World is equally dismissive of deaf people, adults and children alike,
especially those who choose to sign rather than to speak and try to hear,
which is often futile.

Sign language is exceedingly cheap and every single one of us can learn it
from birth and even earlier than spoken languages. It is the de facto,
noninvasive linguistic solution for all deaf children But we as a society
dismiss it immediately because, hubris and interia of social norms. the same
is for preventation of autism.

I know two loving parents who give all of their time to two of their autistic
children, but I can see their effort take toll on them. They cannot go
anywhere without their children throwing a fit. It is sad. It is a struggle
for us all. Especially you!

The same is true for deaf children whose parents neglect them over dinners,
over events, the deaf child is alone and neglected. We have fought for more
awareness in the last hundred years, and its slowly getting better, but the
stigma is still there.

But do I blame the "white man"? It is baseless and reductive to "Skin Color".
That's why nothing ever moves forward.
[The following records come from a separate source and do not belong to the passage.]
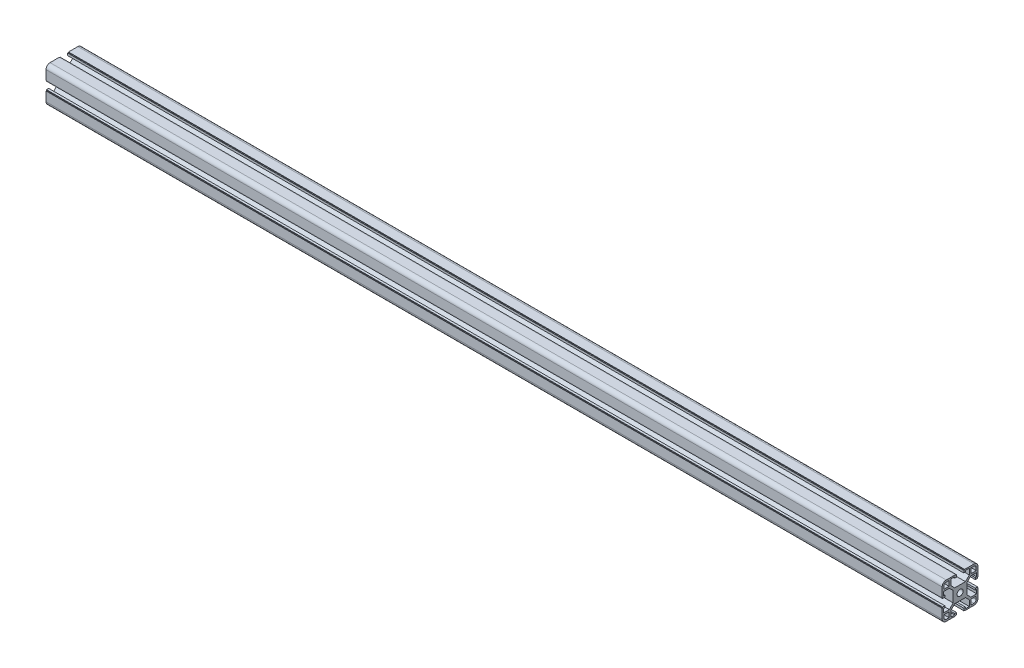
from build123d import *

# Parameters (mm, degrees)
SKETCH1_R                                 = 3.4
ALUMINIUM_PROFILE_40_X_40B_X_R4_5_1_DEPTH = 1000


with BuildPart() as part:
    # Sketch1 → Aluminium profile 40 X 40B X R4.5(1) (new body)
    with BuildSketch(Plane.YZ.offset(-484.974958264)):
        with BuildLine():
            Line((-5.1, 20), (-5.1, 19.5))
            Line((-5.1, 19.5), (-4.1, 19.5))
            Line((-4.1, 19.5), (-4.1, 17))
            Line((-4.1, 17), (-6.1, 17))
            Line((-6.1, 17), (-6.1, 18.5))
            Line((-6.1, 18.5), (-10.3, 18.5))
            Line((-10.3, 18.5), (-10.3, 12))
            Line((-10.3, 12), (-6, 7.7))
            Line((-6, 7.7), (6, 7.7))
            Line((6, 7.7), (10.3, 12))
            Line((10.3, 12), (10.3, 18.5))
            Line((10.3, 18.5), (6.1, 18.5))
            Line((6.1, 18.5), (6.1, 17))
            Line((6.1, 17), (4.1, 17))
            Line((4.1, 17), (4.1, 19.5))
            Line((4.1, 19.5), (5.1, 19.5))
            Line((5.1, 19.5), (5.1, 20))
            Line((5.1, 20), (15.5, 20))
            ThreePointArc((15.5, 20), (18.681980515, 18.681980515), (20, 15.5))
            Line((20, 15.5), (20, 5.1))
            Line((20, 5.1), (19.5, 5.1))
            Line((19.5, 5.1), (19.5, 4.1))
            Line((19.5, 4.1), (17, 4.1))
            Line((17, 4.1), (17, 6.1))
            Line((17, 6.1), (18.5, 6.1))
            Line((18.5, 6.1), (18.5, 10.3))
            Line((18.5, 10.3), (12, 10.3))
            Line((12, 10.3), (7.7, 6))
            Line((7.7, 6), (7.7, -6))
            Line((7.7, -6), (12, -10.3))
            Line((12, -10.3), (18.5, -10.3))
            Line((18.5, -10.3), (18.5, -6.1))
            Line((18.5, -6.1), (17, -6.1))
            Line((17, -6.1), (17, -4.1))
            Line((17, -4.1), (19.5, -4.1))
            Line((19.5, -4.1), (19.5, -5.1))
            Line((19.5, -5.1), (20, -5.1))
            Line((20, -5.1), (20, -15.5))
            ThreePointArc((20, -15.5), (18.681980515, -18.681980515), (15.5, -20))
            Line((15.5, -20), (5.1, -20))
            Line((5.1, -20), (5.1, -19.5))
            Line((5.1, -19.5), (4.1, -19.5))
            Line((4.1, -19.5), (4.1, -17))
            Line((4.1, -17), (6.1, -17))
            Line((6.1, -17), (6.1, -18.5))
            Line((6.1, -18.5), (10.3, -18.5))
            Line((10.3, -18.5), (10.3, -12))
            Line((10.3, -12), (6, -7.7))
            Line((6, -7.7), (-6, -7.7))
            Line((-6, -7.7), (-10.3, -12))
            Line((-10.3, -12), (-10.3, -18.5))
            Line((-10.3, -18.5), (-6.1, -18.5))
            Line((-6.1, -18.5), (-6.1, -17))
            Line((-6.1, -17), (-4.1, -17))
            Line((-4.1, -17), (-4.1, -19.5))
            Line((-4.1, -19.5), (-5.1, -19.5))
            Line((-5.1, -19.5), (-5.1, -20))
            Line((-5.1, -20), (-15.5, -20))
            ThreePointArc((-15.5, -20), (-18.681980515, -18.681980515), (-20, -15.5))
            Line((-20, -15.5), (-20, -5.1))
            Line((-20, -5.1), (-19.5, -5.1))
            Line((-19.5, -5.1), (-19.5, -4.1))
            Line((-19.5, -4.1), (-17, -4.1))
            Line((-17, -4.1), (-17, -6.1))
            Line((-17, -6.1), (-18.5, -6.1))
            Line((-18.5, -6.1), (-18.5, -10.3))
            Line((-18.5, -10.3), (-12, -10.3))
            Line((-12, -10.3), (-7.7, -6))
            Line((-7.7, -6), (-7.7, 6))
            Line((-7.7, 6), (-12, 10.3))
            Line((-12, 10.3), (-18.5, 10.3))
            Line((-18.5, 10.3), (-18.5, 6.1))
            Line((-18.5, 6.1), (-17, 6.1))
            Line((-17, 6.1), (-17, 4.1))
            Line((-17, 4.1), (-19.5, 4.1))
            Line((-19.5, 4.1), (-19.5, 5.1))
            Line((-19.5, 5.1), (-20, 5.1))
            Line((-20, 5.1), (-20, 15.5))
            ThreePointArc((-20, 15.5), (-18.681980515, 18.681980515), (-15.5, 20))
            Line((-15.5, 20), (-5.1, 20))
        make_face()
        Circle(SKETCH1_R, mode=Mode.SUBTRACT)
        with BuildLine():
            Line((12.3, 18), (15.5, 18))
            ThreePointArc((15.5, 18), (17.267766953, 17.267766953), (18, 15.5))
            Line((18, 15.5), (18, 12.3))
            Line((18, 12.3), (12.3, 12.3))
            Line((12.3, 12.3), (12.3, 18))
        make_face(mode=Mode.SUBTRACT)
        with BuildLine():
            Line((-15.5, 18), (-12.3, 18))
            Line((-12.3, 18), (-12.3, 12.3))
            Line((-12.3, 12.3), (-18, 12.3))
            Line((-18, 12.3), (-18, 15.5))
            ThreePointArc((-18, 15.5), (-17.267766953, 17.267766953), (-15.5, 18))
        make_face(mode=Mode.SUBTRACT)
        with BuildLine():
            Line((-18, -12.3), (-12.3, -12.3))
            Line((-12.3, -12.3), (-12.3, -18))
            Line((-12.3, -18), (-15.5, -18))
            ThreePointArc((-15.5, -18), (-17.267766953, -17.267766953), (-18, -15.5))
            Line((-18, -15.5), (-18, -12.3))
        make_face(mode=Mode.SUBTRACT)
        with BuildLine():
            Line((12.3, -12.3), (18, -12.3))
            Line((18, -12.3), (18, -15.5))
            ThreePointArc((18, -15.5), (17.267766953, -17.267766953), (15.5, -18))
            Line((15.5, -18), (12.3, -18))
            Line((12.3, -18), (12.3, -12.3))
        make_face(mode=Mode.SUBTRACT)
    extrude(amount=ALUMINIUM_PROFILE_40_X_40B_X_R4_5_1_DEPTH)


solid = part.part

Because we keep on criticizing the
ownership of skin pigmentation.

It is baseless to label the whole light-skinned party for the vain crimes of
greed and prescriptive thought.

Rather, I blame the rich, ego-filled man. The rich, ego-filled people who are
the criminals. The people with a western view of the world, dismissing all the
richness of humanity for riches of cash and vanity. The western thought.